Irene Rios
[...] na rua não vemos sentimentos ou nos sensibilizamos com rostos e
atitudes, mas enxergamos simplesmente posições sociais: formas corporais,
feiuras ou belezas, roupas e signos profissionais ou de posicionamento social.
Roberto da Matta
Matta (2010) provoca-nos a
pensar e a indagar sobre o que vemos no trânsito, sobre o quanto as pessoas
preocupam-se apenas com aparências e status,
sem prestar atenção no outro, tratando-os com indiferença. Essas atitudes
demonstram a falta de sensibilidade dos cidadãos quando estão transitando.

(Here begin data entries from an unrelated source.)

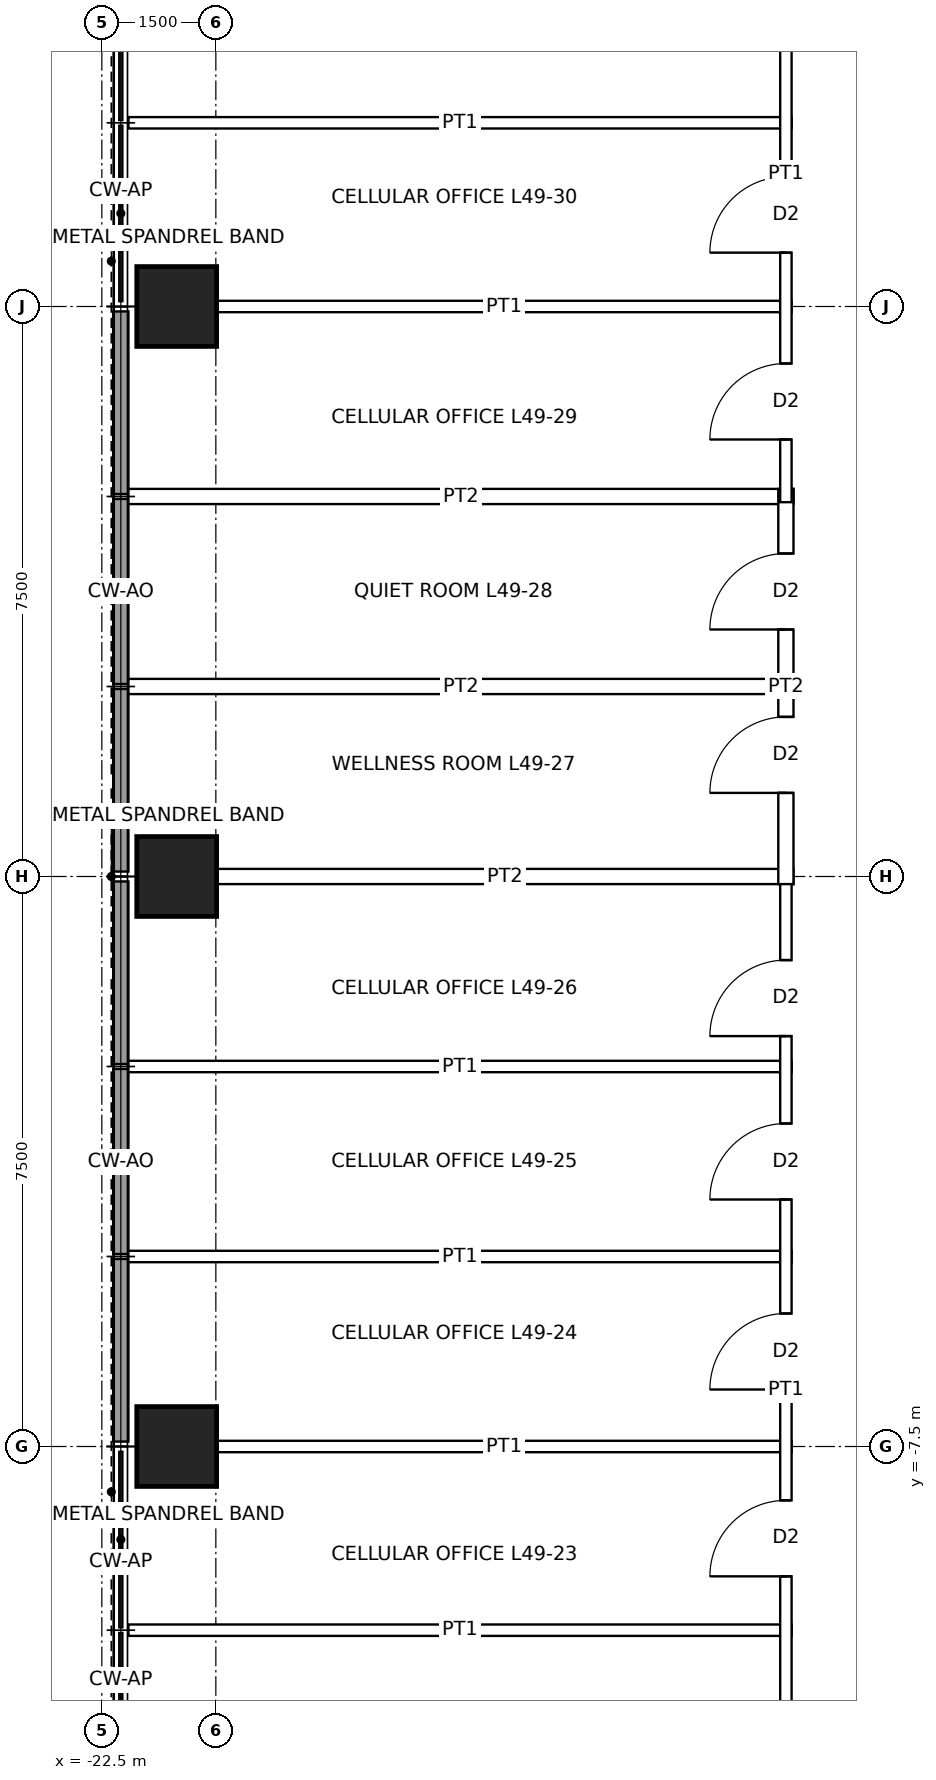
"""IFC4 building model, lengths in metres.
Left out: names, types, materials, properties, quantities, classifications, styles, units other than length and angle.
Written with IfcOpenShell. Run it as: python <this file> out.ifc"""

import sys

from ifc_helpers import new_model, si_unit, direction, frame, frame_2d, origin, origin_2d, place, context, subcontext, project, spatial, rectangle, hollow_rectangle, extrude, element, fill, save


model = new_model("IFC4")
c1 = context("Model", 3, precision=1e-05, world=origin(), true_north=direction((0.0, 1.0)))
c2 = subcontext(c1, "Body", "Model", "MODEL_VIEW")
j1 = project(units=[si_unit("LENGTHUNIT", "METRE"), si_unit("PLANEANGLEUNIT", "RADIAN")], contexts=[c1])
p1 = place(None, origin())
s1 = spatial("IfcSite", under=j1, at=p1, CompositionType="ELEMENT")
p2 = place(p1, origin())
s2 = spatial("IfcBuilding", under=s1, at=p2, CompositionType="ELEMENT")
p3 = place(p2, frame((0.0, 0.0, 229.9)))
s3 = spatial("IfcBuildingStorey", under=s2, at=p3, CompositionType="ELEMENT", Elevation=229.9)
for number, where, z_axis, x_axis in (
    (1, (-21.515, -7.5, 0.0), (0.0, 0.0, 1.0), (1.0, 0.0, 0.0)),
    (2, (-21.515, 0.0, 0.0), (0.0, 0.0, 1.0), (1.0, 0.0, 0.0)),
    (3, (-21.515, 7.5, 0.0), (0.0, 0.0, 1.0), (1.0, 0.0, 0.0)),
):
    element("IfcColumn", number, at=place(p3, frame(where, z_axis=z_axis, x_axis=x_axis)), inside=s3, PredefinedType="COLUMN", context=c2, shape_type="SweptSolid", body=[
        extrude(hollow_rectangle(XDim=1.05, YDim=1.05, WallThickness=0.07, at=origin_2d()), origin(), (0.0, 0.0, 1.0), 4.0),
    ])
p4 = place(p3, frame((-22.25, -7.435, 0.0), z_axis=(0.0, 0.0, 1.0), x_axis=(0.0, 1.0, 0.0)))
e4 = element("IfcWall", 4, at=p4, inside=s3, PredefinedType="SOLIDWALL", context=c2, shape_type="SweptSolid", body=[
    extrude(rectangle(XDim=2.403, YDim=0.2, at=frame_2d((1.201, 0.0))), origin(), (0.0, 0.0, 1.0), 3.85),
])
p5 = place(p3, frame((-22.25, -4.968, 0.0), z_axis=(0.0, 0.0, 1.0), x_axis=(0.0, 1.0, 0.0)))
e5 = element("IfcWall", 5, at=p5, inside=s3, PredefinedType="SOLIDWALL", context=c2, shape_type="SweptSolid", body=[
    extrude(rectangle(XDim=2.435, YDim=0.2, at=frame_2d((1.218, 0.0))), origin(), (0.0, 0.0, 1.0), 3.85),
])
for number, where, z_axis, x_axis in (
    (6, (-22.25, -2.468, 0.0), (0.0, 0.0, 1.0), (0.0, 1.0, 0.0)),
    (7, (-22.25, 0.065, 0.0), (0.0, 0.0, 1.0), (0.0, 1.0, 0.0)),
):
    element("IfcWall", number, at=place(p3, frame(where, z_axis=z_axis, x_axis=x_axis)), inside=s3, PredefinedType="SOLIDWALL", context=c2, shape_type="SweptSolid", body=[
        extrude(rectangle(XDim=2.403, YDim=0.2, at=frame_2d((1.201, 0.0))), origin(), (0.0, 0.0, 1.0), 3.85),
    ])
p6 = place(p3, frame((-22.25, 2.532, 0.0), z_axis=(0.0, 0.0, 1.0), x_axis=(0.0, 1.0, 0.0)))
e8 = element("IfcWall", 8, at=p6, inside=s3, PredefinedType="SOLIDWALL", context=c2, shape_type="SweptSolid", body=[
    extrude(rectangle(XDim=2.435, YDim=0.2, at=frame_2d((1.218, 0.0))), origin(), (0.0, 0.0, 1.0), 3.85),
])
p7 = place(p3, frame((-22.25, 5.032, 0.0), z_axis=(0.0, 0.0, 1.0), x_axis=(0.0, 1.0, 0.0)))
e9 = element("IfcWall", 9, at=p7, inside=s3, PredefinedType="SOLIDWALL", context=c2, shape_type="SweptSolid", body=[
    extrude(rectangle(XDim=2.403, YDim=0.2, at=frame_2d((1.201, 0.0))), origin(), (0.0, 0.0, 1.0), 3.85),
])
p8 = place(p3, frame((-22.15, -9.917, 0.0), z_axis=(0.0, 0.0, 1.0), x_axis=(1.0, 0.0, 0.0)))
e10 = element("IfcWall", 10, at=p8, inside=s3, PredefinedType="PARTITIONING", context=c2, shape_type="SweptSolid", body=[
    extrude(rectangle(XDim=8.725, YDim=0.15, at=frame_2d((4.362, 0.0))), origin(), (0.0, 0.0, 1.0), 3.85),
])
p9 = place(p3, frame((-20.99, -7.5, 0.0), z_axis=(0.0, 0.0, 1.0), x_axis=(1.0, 0.0, 0.0)))
e11 = element("IfcWall", 11, at=p9, inside=s3, PredefinedType="PARTITIONING", context=c2, shape_type="SweptSolid", body=[
    extrude(rectangle(XDim=7.565, YDim=0.15, at=frame_2d((3.782, 0.0))), origin(), (0.0, 0.0, 1.0), 3.238),
])
for number, where, z_axis, x_axis in (
    (12, (-22.15, -5.0, 0.0), (0.0, 0.0, 1.0), (1.0, 0.0, 0.0)),
    (13, (-22.15, -2.5, 0.0), (0.0, 0.0, 1.0), (1.0, 0.0, 0.0)),
):
    element("IfcWall", number, at=place(p3, frame(where, z_axis=z_axis, x_axis=x_axis)), inside=s3, PredefinedType="PARTITIONING", context=c2, shape_type="SweptSolid", body=[
        extrude(rectangle(XDim=8.725, YDim=0.15, at=frame_2d((4.362, 0.0))), origin(), (0.0, 0.0, 1.0), 3.85),
    ])
p10 = place(p3, frame((-20.99, 0.0, 0.0), z_axis=(0.0, 0.0, 1.0), x_axis=(1.0, 0.0, 0.0)))
e14 = element("IfcWall", 14, at=p10, inside=s3, PredefinedType="PARTITIONING", context=c2, shape_type="SweptSolid", body=[
    extrude(rectangle(XDim=7.59, YDim=0.2, at=frame_2d((3.795, 0.0))), origin(), (0.0, 0.0, 1.0), 3.238),
])
for number, where, z_axis, x_axis in (
    (15, (-22.15, 2.5, 0.0), (0.0, 0.0, 1.0), (1.0, 0.0, 0.0)),
    (16, (-22.15, 5.0, 0.0), (0.0, 0.0, 1.0), (1.0, 0.0, 0.0)),
):
    element("IfcWall", number, at=place(p3, frame(where, z_axis=z_axis, x_axis=x_axis)), inside=s3, PredefinedType="PARTITIONING", context=c2, shape_type="SweptSolid", body=[
        extrude(rectangle(XDim=8.75, YDim=0.2, at=frame_2d((4.375, 0.0))), origin(), (0.0, 0.0, 1.0), 3.85),
    ])
p11 = place(p3, frame((-20.99, 7.5, 0.0), z_axis=(0.0, 0.0, 1.0), x_axis=(1.0, 0.0, 0.0)))
e17 = element("IfcWall", 17, at=p11, inside=s3, PredefinedType="PARTITIONING", context=c2, shape_type="SweptSolid", body=[
    extrude(rectangle(XDim=7.565, YDim=0.15, at=frame_2d((3.782, 0.0))), origin(), (0.0, 0.0, 1.0), 3.238),
])
p12 = place(p3, frame((-22.15, 9.917, 0.0), z_axis=(0.0, 0.0, 1.0), x_axis=(1.0, 0.0, 0.0)))
e18 = element("IfcWall", 18, at=p12, inside=s3, PredefinedType="PARTITIONING", context=c2, shape_type="SweptSolid", body=[
    extrude(rectangle(XDim=8.725, YDim=0.15, at=frame_2d((4.362, 0.0))), origin(), (0.0, 0.0, 1.0), 3.85),
])
p13 = place(p3, frame((-13.5, -13.575, 0.0), z_axis=(0.0, 0.0, 1.0), x_axis=(0.0, 1.0, 0.0)))
e19 = element("IfcWall", 19, at=p13, inside=s3, PredefinedType="PARTITIONING", context=c2, shape_type="SweptSolid", body=[
    extrude(rectangle(XDim=13.65, YDim=0.15, at=frame_2d((6.825, 0.0))), origin(), (0.0, 0.0, 1.0), 3.85),
])
p14 = place(p13, frame((4.366, 0.0, 0.0)))
e20 = element("IfcOpeningElement", 20, at=p14, cuts=e19, PredefinedType="OPENING", context=c2, shape_type="SweptSolid", body=[
    extrude(rectangle(XDim=1.0, YDim=2.1, at=frame_2d((0.5, 1.05))), frame((0.0, 0.085, 0.0), z_axis=(0.0, -1.0, 0.0), x_axis=(1.0, 0.0, 0.0)), (0.0, 0.0, 1.0), 0.17),
])
p15 = place(p13, frame((6.825, 0.0, 0.0)))
e21 = element("IfcOpeningElement", 21, at=p15, cuts=e19, PredefinedType="OPENING", context=c2, shape_type="SweptSolid", body=[
    extrude(rectangle(XDim=1.0, YDim=2.1, at=frame_2d((0.5, 1.05))), frame((0.0, 0.085, 0.0), z_axis=(0.0, -1.0, 0.0), x_axis=(1.0, 0.0, 0.0)), (0.0, 0.0, 1.0), 0.17),
])
p16 = place(p13, frame((9.325, 0.0, 0.0)))
e22 = element("IfcOpeningElement", 22, at=p16, cuts=e19, PredefinedType="OPENING", context=c2, shape_type="SweptSolid", body=[
    extrude(rectangle(XDim=1.0, YDim=2.1, at=frame_2d((0.5, 1.05))), frame((0.0, 0.085, 0.0), z_axis=(0.0, -1.0, 0.0), x_axis=(1.0, 0.0, 0.0)), (0.0, 0.0, 1.0), 0.17),
])
p17 = place(p13, frame((11.475, 0.0, 0.0)))
e23 = element("IfcOpeningElement", 23, at=p17, cuts=e19, PredefinedType="OPENING", context=c2, shape_type="SweptSolid", body=[
    extrude(rectangle(XDim=1.0, YDim=2.1, at=frame_2d((0.5, 1.05))), frame((0.0, 0.085, 0.0), z_axis=(0.0, -1.0, 0.0), x_axis=(1.0, 0.0, 0.0)), (0.0, 0.0, 1.0), 0.17),
])
p18 = place(p3, frame((-13.5, -0.1, 0.0), z_axis=(0.0, 0.0, 1.0), x_axis=(0.0, 1.0, 0.0)))
e24 = element("IfcWall", 24, at=p18, inside=s3, PredefinedType="PARTITIONING", context=c2, shape_type="SweptSolid", body=[
    extrude(rectangle(XDim=5.2, YDim=0.2, at=frame_2d((2.6, 0.0))), origin(), (0.0, 0.0, 1.0), 3.85),
])
p19 = place(p18, frame((1.2, 0.0, 0.0)))
e25 = element("IfcOpeningElement", 25, at=p19, cuts=e24, PredefinedType="OPENING", context=c2, shape_type="SweptSolid", body=[
    extrude(rectangle(XDim=1.0, YDim=2.1, at=frame_2d((0.5, 1.05))), frame((0.0, 0.11, 0.0), z_axis=(0.0, -1.0, 0.0), x_axis=(1.0, 0.0, 0.0)), (0.0, 0.0, 1.0), 0.22),
])
p20 = place(p18, frame((3.35, 0.0, 0.0)))
e26 = element("IfcOpeningElement", 26, at=p20, cuts=e24, PredefinedType="OPENING", context=c2, shape_type="SweptSolid", body=[
    extrude(rectangle(XDim=1.0, YDim=2.1, at=frame_2d((0.5, 1.05))), frame((0.0, 0.11, 0.0), z_axis=(0.0, -1.0, 0.0), x_axis=(1.0, 0.0, 0.0)), (0.0, 0.0, 1.0), 0.22),
])
p21 = place(p3, frame((-13.5, 4.925, 0.0), z_axis=(0.0, 0.0, 1.0), x_axis=(0.0, 1.0, 0.0)))
e27 = element("IfcWall", 27, at=p21, inside=s3, PredefinedType="PARTITIONING", context=c2, shape_type="SweptSolid", body=[
    extrude(rectangle(XDim=8.65, YDim=0.15, at=frame_2d((4.325, 0.0))), origin(), (0.0, 0.0, 1.0), 3.85),
])
p22 = place(p21, frame((0.825, 0.0, 0.0)))
e28 = element("IfcOpeningElement", 28, at=p22, cuts=e27, PredefinedType="OPENING", context=c2, shape_type="SweptSolid", body=[
    extrude(rectangle(XDim=1.0, YDim=2.1, at=frame_2d((0.5, 1.05))), frame((0.0, 0.085, 0.0), z_axis=(0.0, -1.0, 0.0), x_axis=(1.0, 0.0, 0.0)), (0.0, 0.0, 1.0), 0.17),
])
p23 = place(p21, frame((3.283, 0.0, 0.0)))
e29 = element("IfcOpeningElement", 29, at=p23, cuts=e27, PredefinedType="OPENING", context=c2, shape_type="SweptSolid", body=[
    extrude(rectangle(XDim=1.0, YDim=2.1, at=frame_2d((0.5, 1.05))), frame((0.0, 0.085, 0.0), z_axis=(0.0, -1.0, 0.0), x_axis=(1.0, 0.0, 0.0)), (0.0, 0.0, 1.0), 0.17),
])
p24 = place(p14, origin())
e30 = element("IfcDoor", 30, at=p24, inside=s3, OperationType="SINGLE_SWING_LEFT", PredefinedType="DOOR", context=c2, shape_type="SweptSolid", body=[
    extrude(rectangle(XDim=1.0, YDim=2.1, at=frame_2d((0.5, 1.05))), frame((0.0, 0.025, 0.0), z_axis=(0.0, -1.0, 0.0), x_axis=(1.0, 0.0, 0.0)), (0.0, 0.0, 1.0), 0.05),
])
fill(e20, e30)
p25 = place(p15, origin())
e31 = element("IfcDoor", 31, at=p25, inside=s3, OperationType="SINGLE_SWING_LEFT", PredefinedType="DOOR", context=c2, shape_type="SweptSolid", body=[
    extrude(rectangle(XDim=1.0, YDim=2.1, at=frame_2d((0.5, 1.05))), frame((0.0, 0.025, 0.0), z_axis=(0.0, -1.0, 0.0), x_axis=(1.0, 0.0, 0.0)), (0.0, 0.0, 1.0), 0.05),
])
fill(e21, e31)
p26 = place(p16, origin())
e32 = element("IfcDoor", 32, at=p26, inside=s3, OperationType="SINGLE_SWING_LEFT", PredefinedType="DOOR", context=c2, shape_type="SweptSolid", body=[
    extrude(rectangle(XDim=1.0, YDim=2.1, at=frame_2d((0.5, 1.05))), frame((0.0, 0.025, 0.0), z_axis=(0.0, -1.0, 0.0), x_axis=(1.0, 0.0, 0.0)), (0.0, 0.0, 1.0), 0.05),
])
fill(e22, e32)
p27 = place(p17, origin())
e33 = element("IfcDoor", 33, at=p27, inside=s3, OperationType="SINGLE_SWING_LEFT", PredefinedType="DOOR", context=c2, shape_type="SweptSolid", body=[
    extrude(rectangle(XDim=1.0, YDim=2.1, at=frame_2d((0.5, 1.05))), frame((0.0, 0.025, 0.0), z_axis=(0.0, -1.0, 0.0), x_axis=(1.0, 0.0, 0.0)), (0.0, 0.0, 1.0), 0.05),
])
fill(e23, e33)
p28 = place(p19, origin())
e34 = element("IfcDoor", 34, at=p28, inside=s3, OperationType="SINGLE_SWING_LEFT", PredefinedType="DOOR", context=c2, shape_type="SweptSolid", body=[
    extrude(rectangle(XDim=1.0, YDim=2.1, at=frame_2d((0.5, 1.05))), frame((0.0, 0.025, 0.0), z_axis=(0.0, -1.0, 0.0), x_axis=(1.0, 0.0, 0.0)), (0.0, 0.0, 1.0), 0.05),
])
fill(e25, e34)
p29 = place(p20, origin())
e35 = element("IfcDoor", 35, at=p29, inside=s3, OperationType="SINGLE_SWING_LEFT", PredefinedType="DOOR", context=c2, shape_type="SweptSolid", body=[
    extrude(rectangle(XDim=1.0, YDim=2.1, at=frame_2d((0.5, 1.05))), frame((0.0, 0.025, 0.0), z_axis=(0.0, -1.0, 0.0), x_axis=(1.0, 0.0, 0.0)), (0.0, 0.0, 1.0), 0.05),
])
fill(e26, e35)
p30 = place(p22, origin())
e36 = element("IfcDoor", 36, at=p30, inside=s3, OperationType="SINGLE_SWING_LEFT", PredefinedType="DOOR", context=c2, shape_type="SweptSolid", body=[
    extrude(rectangle(XDim=1.0, YDim=2.1, at=frame_2d((0.5, 1.05))), frame((0.0, 0.025, 0.0), z_axis=(0.0, -1.0, 0.0), x_axis=(1.0, 0.0, 0.0)), (0.0, 0.0, 1.0), 0.05),
])
fill(e28, e36)
p31 = place(p23, origin())
e37 = element("IfcDoor", 37, at=p31, inside=s3, OperationType="SINGLE_SWING_LEFT", PredefinedType="DOOR", context=c2, shape_type="SweptSolid", body=[
    extrude(rectangle(XDim=1.0, YDim=2.1, at=frame_2d((0.5, 1.05))), frame((0.0, 0.025, 0.0), z_axis=(0.0, -1.0, 0.0), x_axis=(1.0, 0.0, 0.0)), (0.0, 0.0, 1.0), 0.05),
])
fill(e29, e37)
save(model, sys.argv[1])

Vanderbilt (2009) reforça a
afirmação de Matta ao enfatizar que a simples ação da troca de olhares entre os
usuários das vias é considerada uma dificuldade para muitos.
Pelo fato de o
contato visual ser tão raro no trânsito, quando ele acontece a sensação pode
ser de desconforto. Você já parou em um sinal e “sentiu” que alguém em um dos
carros ao lado estava olhando para você? Provavelmente ficou incomodado. A
primeira razão é que isso pode violar o senso de privacidade que sentimos no
trânsito. A segunda é que não há propósito algum para isso, tampouco uma reação
neutra apropriada, uma condição que pode provocar uma reação de lutar ou fugir.
Então, o que você fez no cruzamento quando viu alguém olhando para você? Se
acelerou, você não foi o único. (VANDERBILT,
2009, p. 28).
As situações citadas por
Vanderbilt (2009) fazem parte de uma cultura em que prevalece o individualismo,
o hábito de nos ocuparmos apenas conosco, com o que nos convém - situações cada
vez mais presentes na vida contemporânea. Estamos tão acostumados à
insensibilidade no trânsito que, quando percebemos que alguém está nos olhando,
nesse ambiente, ficamos incomodados e procuramos afastar-nos dessa situação.
Contudo, o que nos faz agir dessa maneira, sem olhar, sem sentir, sem perceber
e sem refletir sobre o que está em nossa volta? Talvez a pressa do dia a dia
causada, geralmente, pelo excesso de tarefas, faze-nos correr contra o tempo.
Parece que se pararmos para a travessia de um pedestre vamos perder tempo.
Outro motivo que pode
influenciar a nossa falta de sensibilidade é a insegurança emanada pelas
características da modernidade. Nosso cotidiano está repleto de casos que nos
assustam e nos deixam inseguros. Duarte Jr. (2001) cita algumas dessas
ocorrências:
[...] a situação
afigura-se delicada e perigosa, com seus múltiplos sintomas a nos rodear:
desequilíbrios ambientais, ameaças de acidentes e guerras nucleares, venenos e
poluição empestando o ambiente, efeito estufa, hordas de famintos, exércitos de
sem-terras e sem-tetos, fanatismos, assaltos, sequestros, violência gratuita,
atentados terroristas, doenças misteriosas e letais, etc. (DUARTE JR., 2001, p.
72).
São situações que provocam,
além do medo e da insegurança, a falta de confiança nas pessoas que não
conhecemos. É como se o outro representasse uma ameaça à nossa luta diária pelo
poder, pelo prazer e pela sobrevivência. Ignorá-lo, então, seja no espaço do
trânsito, ou em outros espaços, significa um “cuidado de si”.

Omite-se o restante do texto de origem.